Uzunonat G, Emir M, Yamak B, Ulus A T, Ulaş M, Uncu H, Saritaş Z, Katircioğlu S F, Taşdemir O
Cardiovascular Surgery Department of Türkiye Yüksek Ihtisas Hospital of Ankara, Turkey.
J Cardiovasc Surg (Torino). 1999 Apr;40(2):197-201.
This study was planned to show the effect of retroperfusion and cardiopulmonary bypass on myocardial hemodynamic recovery.
Eighteen dogs entered this study. After, left anterior descending artery (LAD) was dissected and occluded, the animals were divided into three equal groups; Group I: retrograde coronary sinus perfusion, group II: cardiopulmonary bypass and retrograde coronary sinus perfusion, Group III: control group, left anterior descending artery occlusion only.

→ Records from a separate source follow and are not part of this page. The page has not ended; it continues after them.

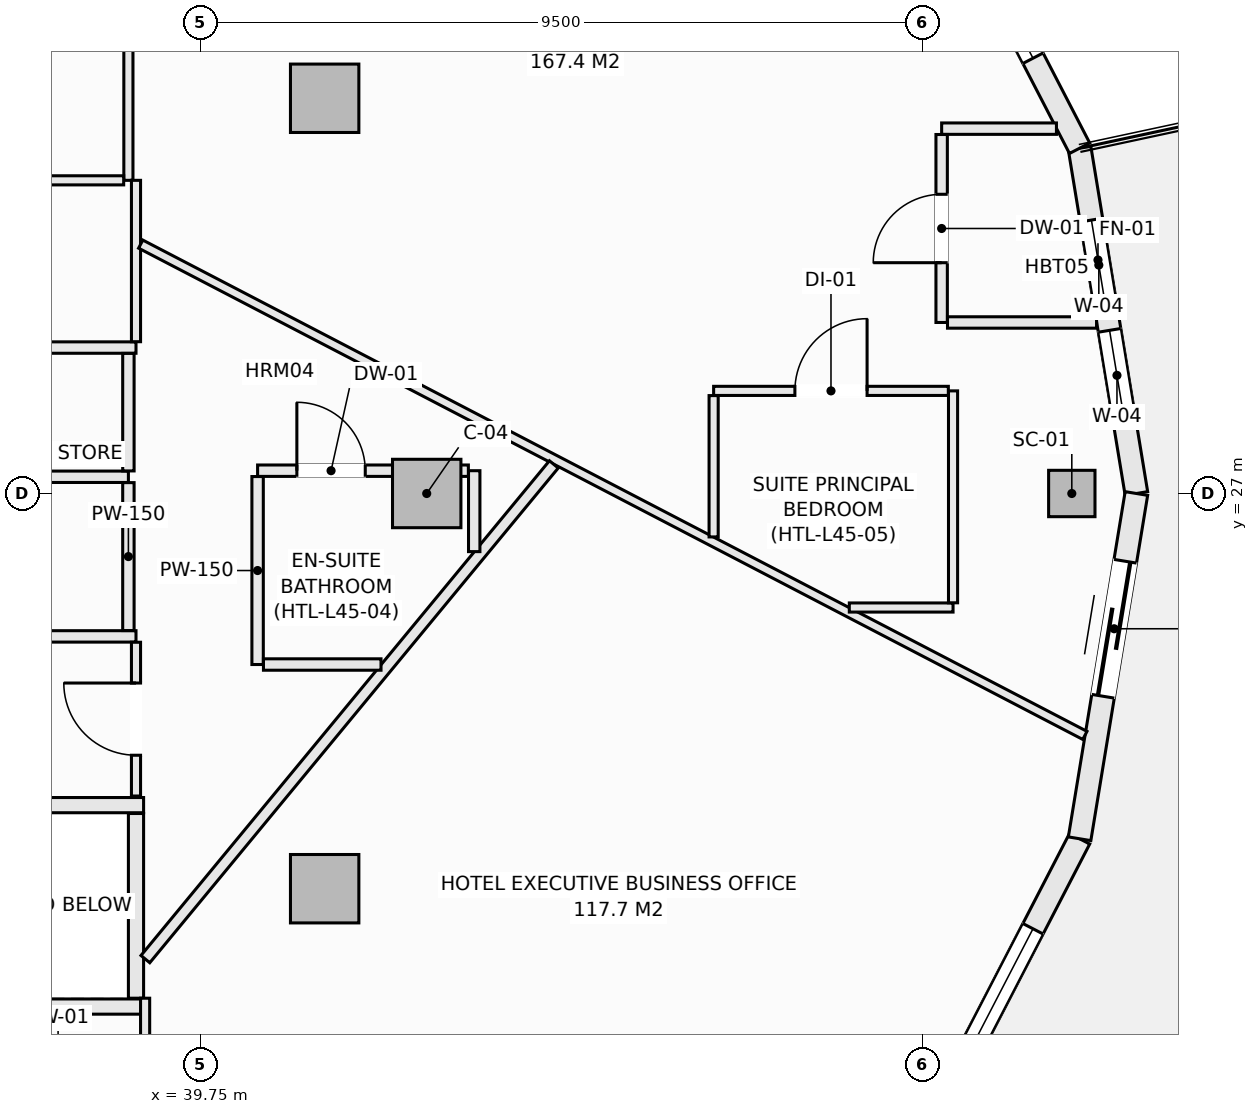
"""IFC4 building model, lengths in metres.
Left out: names, types, materials, properties, quantities, classifications, styles, units other than length and angle.
Written with IfcOpenShell. Run it as: python <this file> out.ifc"""

import sys

from ifc_helpers import new_model, si_unit, direction, frame, frame_2d, origin, origin_2d, place, context, subcontext, project, spatial, rectangle, hollow_rectangle, extrude, element, fill, save


model = new_model("IFC4")
c1 = context("Model", 3, precision=1e-05, world=origin(), true_north=direction((0.0, 1.0)))
c2 = subcontext(c1, "Body", "Model", "MODEL_VIEW")
j1 = project(units=[si_unit("LENGTHUNIT", "METRE"), si_unit("PLANEANGLEUNIT", "RADIAN")], contexts=[c1])
p1 = place(None, origin())
s1 = spatial("IfcSite", under=j1, at=p1, CompositionType="ELEMENT")
p2 = place(p1, origin())
s2 = spatial("IfcBuilding", under=s1, at=p2, CompositionType="ELEMENT")
p3 = place(p2, frame((0.0, 0.0, 173.3)))
s3 = spatial("IfcBuildingStorey", under=s2, at=p3, CompositionType="ELEMENT", Elevation=173.3)
p4 = place(p3, frame((51.212, 27.0, -0.27), z_axis=(0.0, 0.0, 1.0), x_axis=(1.0, 0.0, 0.0)))
e1 = element("IfcColumn", 1, at=p4, inside=s3, PredefinedType="COLUMN", context=c2, shape_type="SweptSolid", body=[
    extrude(hollow_rectangle(XDim=0.61, YDim=0.61, WallThickness=0.025, at=origin_2d()), origin(), (0.0, 0.0, 1.0), 3.4),
])
for number, where, z_axis, x_axis in (
    (2, (42.725, 27.0, -0.27), (0.0, 0.0, 1.0), (1.0, 0.0, 0.0)),
    (3, (41.382, 32.199, -0.27), (0.0, 0.0, 1.0), (1.0, 0.0, 0.0)),
    (4, (41.382, 21.801, -0.27), (0.0, 0.0, 1.0), (1.0, 0.0, 0.0)),
):
    element("IfcColumn", number, at=place(p3, frame(where, z_axis=z_axis, x_axis=x_axis)), inside=s3, PredefinedType="COLUMN", context=c2, shape_type="SweptSolid", body=[
        extrude(rectangle(XDim=0.9, YDim=0.9, at=origin_2d()), origin(), (0.0, 0.0, 1.0), 3.4),
    ])
p5 = place(p3, frame((51.315, 31.542, 0.0), z_axis=(0.0, 0.0, 1.0), x_axis=(0.162394765401, -0.986725868806, 0.0)))
e5 = element("IfcWall", 5, at=p5, inside=s3, PredefinedType="SOLIDWALL", context=c2, shape_type="SweptSolid", body=[
    extrude(rectangle(XDim=4.603, YDim=0.3, at=frame_2d((2.302, 0.0))), origin(), (0.0, 0.0, 1.0), 2.653),
])
p6 = place(p5, frame((0.958, 0.0, 0.74)))
e6 = element("IfcOpeningElement", 6, at=p6, cuts=e5, PredefinedType="OPENING", context=c2, shape_type="SweptSolid", body=[
    extrude(rectangle(XDim=1.2, YDim=1.7, at=frame_2d((0.6, 0.85))), frame((0.0, 0.16, 0.0), z_axis=(0.0, -1.0, 0.0), x_axis=(1.0, 0.0, 0.0)), (0.0, 0.0, 1.0), 0.32),
])
p7 = place(p5, frame((2.428, 0.0, 0.74)))
e7 = element("IfcOpeningElement", 7, at=p7, cuts=e5, PredefinedType="OPENING", context=c2, shape_type="SweptSolid", body=[
    extrude(rectangle(XDim=1.2, YDim=1.7, at=frame_2d((0.6, 0.85))), frame((0.0, 0.16, 0.0), z_axis=(0.0, -1.0, 0.0), x_axis=(1.0, 0.0, 0.0)), (0.0, 0.0, 1.0), 0.32),
])
p8 = place(p3, frame((49.123, 35.775, 0.0), z_axis=(0.0, 0.0, 1.0), x_axis=(0.459810251451, -0.888017191647, 0.0)))
e8 = element("IfcWall", 8, at=p8, inside=s3, PredefinedType="SOLIDWALL", context=c2, shape_type="SweptSolid", body=[
    extrude(rectangle(XDim=4.766, YDim=0.3, at=frame_2d((2.383, 0.0))), origin(), (0.0, 0.0, 1.0), 2.653),
])
p9 = place(p8, frame((1.333, 0.0, 0.74)))
e9 = element("IfcOpeningElement", 9, at=p9, cuts=e8, PredefinedType="OPENING", context=c2, shape_type="SweptSolid", body=[
    extrude(rectangle(XDim=2.1, YDim=1.7, at=frame_2d((1.05, 0.85))), frame((0.0, 0.16, 0.0), z_axis=(0.0, -1.0, 0.0), x_axis=(1.0, 0.0, 0.0)), (0.0, 0.0, 1.0), 0.32),
])
p10 = place(p3, frame((49.123, 18.225, 0.0), z_axis=(0.0, 0.0, 1.0), x_axis=(0.459810251451, 0.888017191647, 0.0)))
e10 = element("IfcWall", 10, at=p10, inside=s3, PredefinedType="SOLIDWALL", context=c2, shape_type="SweptSolid", body=[
    extrude(rectangle(XDim=4.766, YDim=0.3, at=frame_2d((2.383, 0.0))), origin(), (0.0, 0.0, 1.0), 2.653),
])
p11 = place(p10, frame((1.333, 0.0, 0.74)))
e11 = element("IfcOpeningElement", 11, at=p11, cuts=e10, PredefinedType="OPENING", context=c2, shape_type="SweptSolid", body=[
    extrude(rectangle(XDim=2.1, YDim=1.7, at=frame_2d((1.05, 0.85))), frame((0.0, 0.16, 0.0), z_axis=(0.0, -1.0, 0.0), x_axis=(1.0, 0.0, 0.0)), (0.0, 0.0, 1.0), 0.32),
])
p12 = place(p3, frame((51.315, 22.458, 0.0), z_axis=(0.0, 0.0, 1.0), x_axis=(0.162394765401, 0.986725868806, 0.0)))
e12 = element("IfcWall", 12, at=p12, inside=s3, PredefinedType="SOLIDWALL", context=c2, shape_type="SweptSolid", body=[
    extrude(rectangle(XDim=4.603, YDim=0.3, at=frame_2d((2.302, 0.0))), origin(), (0.0, 0.0, 1.0), 2.653),
])
p13 = place(p12, frame((1.9, 0.0, 0.0)))
e13 = element("IfcOpeningElement", 13, at=p13, cuts=e12, PredefinedType="OPENING", context=c2, shape_type="SweptSolid", body=[
    extrude(rectangle(XDim=1.8, YDim=2.25, at=frame_2d((0.9, 1.125))), frame((0.0, 0.16, 0.0), z_axis=(0.0, -1.0, 0.0), x_axis=(1.0, 0.0, 0.0)), (0.0, 0.0, 1.0), 0.32),
])
p14 = place(p3, frame((52.18, 16.779, 0.0), z_axis=(0.0, 0.0, 1.0), x_axis=(0.439637174641, 0.898175458735, 0.0)))
e14 = element("IfcWall", 14, at=p14, inside=s3, PredefinedType="PARAPET", context=c2, shape_type="SweptSolid", body=[
    extrude(rectangle(XDim=5.567, YDim=0.22, at=frame_2d((2.784, 0.0))), origin(), (0.0, 0.0, 1.0), 0.52),
])
for number, where, z_axis, x_axis in (
    (15, (36.75, 22.9, 0.0), (0.0, 0.0, 1.0), (1.0, 0.0, 0.0)),
    (16, (36.75, 20.25, 0.0), (0.0, 0.0, 1.0), (1.0, 0.0, 0.0)),
):
    element("IfcWall", number, at=place(p3, frame(where, z_axis=z_axis, x_axis=x_axis)), inside=s3, PredefinedType="SOLIDWALL", context=c2, shape_type="SweptSolid", body=[
        extrude(rectangle(XDim=2.25, YDim=0.2, at=frame_2d((1.125, 0.0))), origin(), (0.0, 0.0, 1.0), 3.13),
    ])
p15 = place(p3, frame((38.9, 20.36, 0.0), z_axis=(0.0, 0.0, 1.0), x_axis=(0.0, 1.0, 0.0)))
e17 = element("IfcWall", 17, at=p15, inside=s3, PredefinedType="SOLIDWALL", context=c2, shape_type="SweptSolid", body=[
    extrude(rectangle(XDim=2.43, YDim=0.2, at=frame_2d((1.215, 0.0))), origin(), (0.0, 0.0, 1.0), 3.13),
])
p16 = place(p3, frame((30.077, 28.92, 0.0), z_axis=(0.0, 0.0, 1.0), x_axis=(1.0, 0.0, 0.0)))
e18 = element("IfcWall", 18, at=p16, inside=s3, PredefinedType="PARTITIONING", context=c2, shape_type="SweptSolid", body=[
    extrude(rectangle(XDim=8.823, YDim=0.15, at=frame_2d((4.412, 0.0))), origin(), (0.0, 0.0, 1.0), 3.13),
])
p17 = place(p16, frame((1.342, 0.0, 0.0)))
e19 = element("IfcOpeningElement", 19, at=p17, cuts=e18, PredefinedType="OPENING", context=c2, shape_type="SweptSolid", body=[
    extrude(rectangle(XDim=0.95, YDim=2.1, at=frame_2d((0.475, 1.05))), frame((0.0, 0.085, 0.0), z_axis=(0.0, -1.0, 0.0), x_axis=(1.0, 0.0, 0.0)), (0.0, 0.0, 1.0), 0.17),
])
p18 = place(p16, frame((5.343, 0.0, 0.0)))
e20 = element("IfcOpeningElement", 20, at=p18, cuts=e18, PredefinedType="OPENING", context=c2, shape_type="SweptSolid", body=[
    extrude(rectangle(XDim=0.95, YDim=2.1, at=frame_2d((0.475, 1.05))), frame((0.0, 0.085, 0.0), z_axis=(0.0, -1.0, 0.0), x_axis=(1.0, 0.0, 0.0)), (0.0, 0.0, 1.0), 0.17),
])
p19 = place(p3, frame((33.377, 25.12, 0.0), z_axis=(0.0, 0.0, 1.0), x_axis=(1.0, 0.0, 0.0)))
e21 = element("IfcWall", 21, at=p19, inside=s3, PredefinedType="PARTITIONING", context=c2, shape_type="SweptSolid", body=[
    extrude(rectangle(XDim=5.523, YDim=0.15, at=frame_2d((2.761, 0.0))), origin(), (0.0, 0.0, 1.0), 3.13),
])
p20 = place(p19, frame((2.287, 0.0, 0.0)))
e22 = element("IfcOpeningElement", 22, at=p20, cuts=e21, PredefinedType="OPENING", context=c2, shape_type="SweptSolid", body=[
    extrude(rectangle(XDim=0.95, YDim=2.1, at=frame_2d((0.475, 1.05))), frame((0.0, 0.085, 0.0), z_axis=(0.0, -1.0, 0.0), x_axis=(1.0, 0.0, 0.0)), (0.0, 0.0, 1.0), 0.17),
])
p21 = place(p3, frame((33.377, 27.22, 0.0), z_axis=(0.0, 0.0, 1.0), x_axis=(1.0, 0.0, 0.0)))
e23 = element("IfcWall", 23, at=p21, inside=s3, PredefinedType="PARTITIONING", context=c2, shape_type="SweptSolid", body=[
    extrude(rectangle(XDim=5.423, YDim=0.15, at=frame_2d((2.711, 0.0))), origin(), (0.0, 0.0, 1.0), 3.13),
])
p22 = place(p3, frame((38.8, 25.197, 0.0), z_axis=(0.0, 0.0, 1.0), x_axis=(0.0, 1.0, 0.0)))
e24 = element("IfcWall", 24, at=p22, inside=s3, PredefinedType="PARTITIONING", context=c2, shape_type="SweptSolid", body=[
    extrude(rectangle(XDim=1.946, YDim=0.15, at=frame_2d((0.973, 0.0))), origin(), (0.0, 0.0, 1.0), 3.13),
])
p23 = place(p3, frame((38.8, 27.297, 0.0), z_axis=(0.0, 0.0, 1.0), x_axis=(0.0, 1.0, 0.0)))
e25 = element("IfcWall", 25, at=p23, inside=s3, PredefinedType="PARTITIONING", context=c2, shape_type="SweptSolid", body=[
    extrude(rectangle(XDim=1.546, YDim=0.15, at=frame_2d((0.773, 0.0))), origin(), (0.0, 0.0, 1.0), 3.13),
])
p24 = place(p3, frame((38.8, 31.12, 0.0), z_axis=(0.0, 0.0, 1.0), x_axis=(0.0, 1.0, 0.0)))
e26 = element("IfcWall", 26, at=p24, inside=s3, PredefinedType="PARTITIONING", context=c2, shape_type="SweptSolid", body=[
    extrude(rectangle(XDim=2.63, YDim=0.12, at=frame_2d((1.315, 0.0))), origin(), (0.0, 0.0, 1.0), 3.13),
])
p25 = place(p3, frame((30.062, 31.12, 0.0), z_axis=(0.0, 0.0, 1.0), x_axis=(1.0, 0.0, 0.0)))
e27 = element("IfcWall", 27, at=p25, inside=s3, PredefinedType="PARTITIONING", context=c2, shape_type="SweptSolid", body=[
    extrude(rectangle(XDim=8.676, YDim=0.12, at=frame_2d((4.338, 0.0))), origin(), (0.0, 0.0, 1.0), 3.13),
])
p26 = place(p25, frame((3.863, 0.0, 0.0)))
e28 = element("IfcOpeningElement", 28, at=p26, cuts=e27, PredefinedType="OPENING", context=c2, shape_type="SweptSolid", body=[
    extrude(rectangle(XDim=0.95, YDim=2.1, at=frame_2d((0.475, 1.05))), frame((0.0, 0.07, 0.0), z_axis=(0.0, -1.0, 0.0), x_axis=(1.0, 0.0, 0.0)), (0.0, 0.0, 1.0), 0.14),
])
p27 = place(p3, frame((39.02, 19.44, 0.0), z_axis=(0.0, 0.0, 1.0), x_axis=(0.0, 1.0, 0.0)))
e29 = element("IfcWall", 29, at=p27, inside=s3, PredefinedType="PARTITIONING", context=c2, shape_type="SweptSolid", body=[
    extrude(rectangle(XDim=0.92, YDim=0.12, at=frame_2d((0.46, 0.0))), origin(), (0.0, 0.0, 1.0), 3.13),
])
p28 = place(p3, frame((38.9, 23.02, 0.0), z_axis=(0.0, 0.0, 1.0), x_axis=(0.0, 1.0, 0.0)))
e30 = element("IfcWall", 30, at=p28, inside=s3, PredefinedType="PARTITIONING", context=c2, shape_type="SweptSolid", body=[
    extrude(rectangle(XDim=2.023, YDim=0.12, at=frame_2d((1.011, 0.0))), origin(), (0.0, 0.0, 1.0), 3.13),
])
p29 = place(p28, frame((0.537, 0.0, 0.0)))
e31 = element("IfcOpeningElement", 31, at=p29, cuts=e30, PredefinedType="OPENING", context=c2, shape_type="SweptSolid", body=[
    extrude(rectangle(XDim=0.95, YDim=2.1, at=frame_2d((0.475, 1.05))), frame((0.0, 0.07, 0.0), z_axis=(0.0, -1.0, 0.0), x_axis=(1.0, 0.0, 0.0)), (0.0, 0.0, 1.0), 0.14),
])
p30 = place(p3, frame((38.9, 28.997, 0.0), z_axis=(0.0, 0.0, 1.0), x_axis=(0.0, 1.0, 0.0)))
e32 = element("IfcWall", 32, at=p30, inside=s3, PredefinedType="PARTITIONING", context=c2, shape_type="SweptSolid", body=[
    extrude(rectangle(XDim=2.123, YDim=0.12, at=frame_2d((1.062, 0.0))), origin(), (0.0, 0.0, 1.0), 3.13),
])
p31 = place(p3, frame((38.962, 30.281, 0.0), z_axis=(0.0, 0.0, 1.0), x_axis=(0.887114590422, -0.461549242725, 0.0)))
e33 = element("IfcWall", 33, at=p31, inside=s3, PredefinedType="PARTITIONING", context=c2, shape_type="SweptSolid", body=[
    extrude(rectangle(XDim=14.004, YDim=0.12, at=frame_2d((7.002, 0.0))), origin(), (0.0, 0.0, 1.0), 2.505),
])
p32 = place(p3, frame((39.023, 20.874, 0.0), z_axis=(0.0, 0.0, 1.0), x_axis=(0.636698291185, 0.771113017658, 0.0)))
e34 = element("IfcWall", 34, at=p32, inside=s3, PredefinedType="PARTITIONING", context=c2, shape_type="SweptSolid", body=[
    extrude(rectangle(XDim=8.44, YDim=0.15, at=frame_2d((4.22, 0.0))), origin(), (0.0, 0.0, 1.0), 2.505),
])
p33 = place(p3, frame((43.35, 26.235, 0.0), z_axis=(0.0, 0.0, 1.0), x_axis=(0.0, 1.0, 0.0)))
e35 = element("IfcWall", 35, at=p33, inside=s3, PredefinedType="PARTITIONING", context=c2, shape_type="SweptSolid", body=[
    extrude(rectangle(XDim=1.065, YDim=0.15, at=frame_2d((0.532, 0.0))), origin(), (0.0, 0.0, 1.0), 3.13),
])
p34 = place(p3, frame((40.5, 27.3, 0.0), z_axis=(0.0, 0.0, 1.0), x_axis=(1.0, 0.0, 0.0)))
e36 = element("IfcWall", 36, at=p34, inside=s3, PredefinedType="PARTITIONING", context=c2, shape_type="SweptSolid", body=[
    extrude(rectangle(XDim=2.773, YDim=0.15, at=frame_2d((1.386, 0.0))), origin(), (0.0, 0.0, 1.0), 3.13),
])
p35 = place(p34, frame((0.517, 0.0, 0.0)))
e37 = element("IfcOpeningElement", 37, at=p35, cuts=e36, PredefinedType="OPENING", context=c2, shape_type="SweptSolid", body=[
    extrude(rectangle(XDim=0.9, YDim=2.1, at=frame_2d((0.45, 1.05))), frame((0.0, 0.085, 0.0), z_axis=(0.0, -1.0, 0.0), x_axis=(1.0, 0.0, 0.0)), (0.0, 0.0, 1.0), 0.17),
])
p36 = place(p3, frame((40.5, 24.75, 0.0), z_axis=(0.0, 0.0, 1.0), x_axis=(0.0, 1.0, 0.0)))
e38 = element("IfcWall", 38, at=p36, inside=s3, PredefinedType="PARTITIONING", context=c2, shape_type="SweptSolid", body=[
    extrude(rectangle(XDim=2.473, YDim=0.15, at=frame_2d((1.236, 0.0))), origin(), (0.0, 0.0, 1.0), 3.13),
])
p37 = place(p3, frame((40.577, 24.75, 0.0), z_axis=(0.0, 0.0, 1.0), x_axis=(1.0, 0.0, 0.0)))
e39 = element("IfcWall", 39, at=p37, inside=s3, PredefinedType="PARTITIONING", context=c2, shape_type="SweptSolid", body=[
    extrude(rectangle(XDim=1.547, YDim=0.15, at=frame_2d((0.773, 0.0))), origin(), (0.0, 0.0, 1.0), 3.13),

In Group III, deterioration of the hemodynamic values progressed parallel with the degree of ischemic damage but in Group I, hemodynamic parameters were better because of the retrograde coronary sinus perfusion and minimally affected by the reperfusion. In Group II, at the end of the cardiopulmonary bypass minimal myocardial damage was observed.
There is no statistical difference between Group I and II if we examine the data that was taken after reperfusion although myocardial performance was better in Group II.
本研究旨在显示逆行灌注和体外循环对心肌血流动力学恢复的影响。
18只犬进入本研究。在解剖并阻断左前降支动脉(LAD)后,将动物分为三组,每组数量相等;第一组:逆行冠状窦灌注;第二组:体外循环和逆行冠状窦灌注;第三组:对照组,仅阻断左前降支动脉。
在第三组中,血流动力学值的恶化与缺血损伤程度平行进展,但在第一组中,由于逆行冠状窦灌注,血流动力学参数较好,且受再灌注的影响最小。在第二组中,体外循环结束时观察到最小程度的心肌损伤。
尽管第二组的心肌性能较好,但如果我们检查再灌注后采集的数据,第一组和第二组之间没有统计学差异。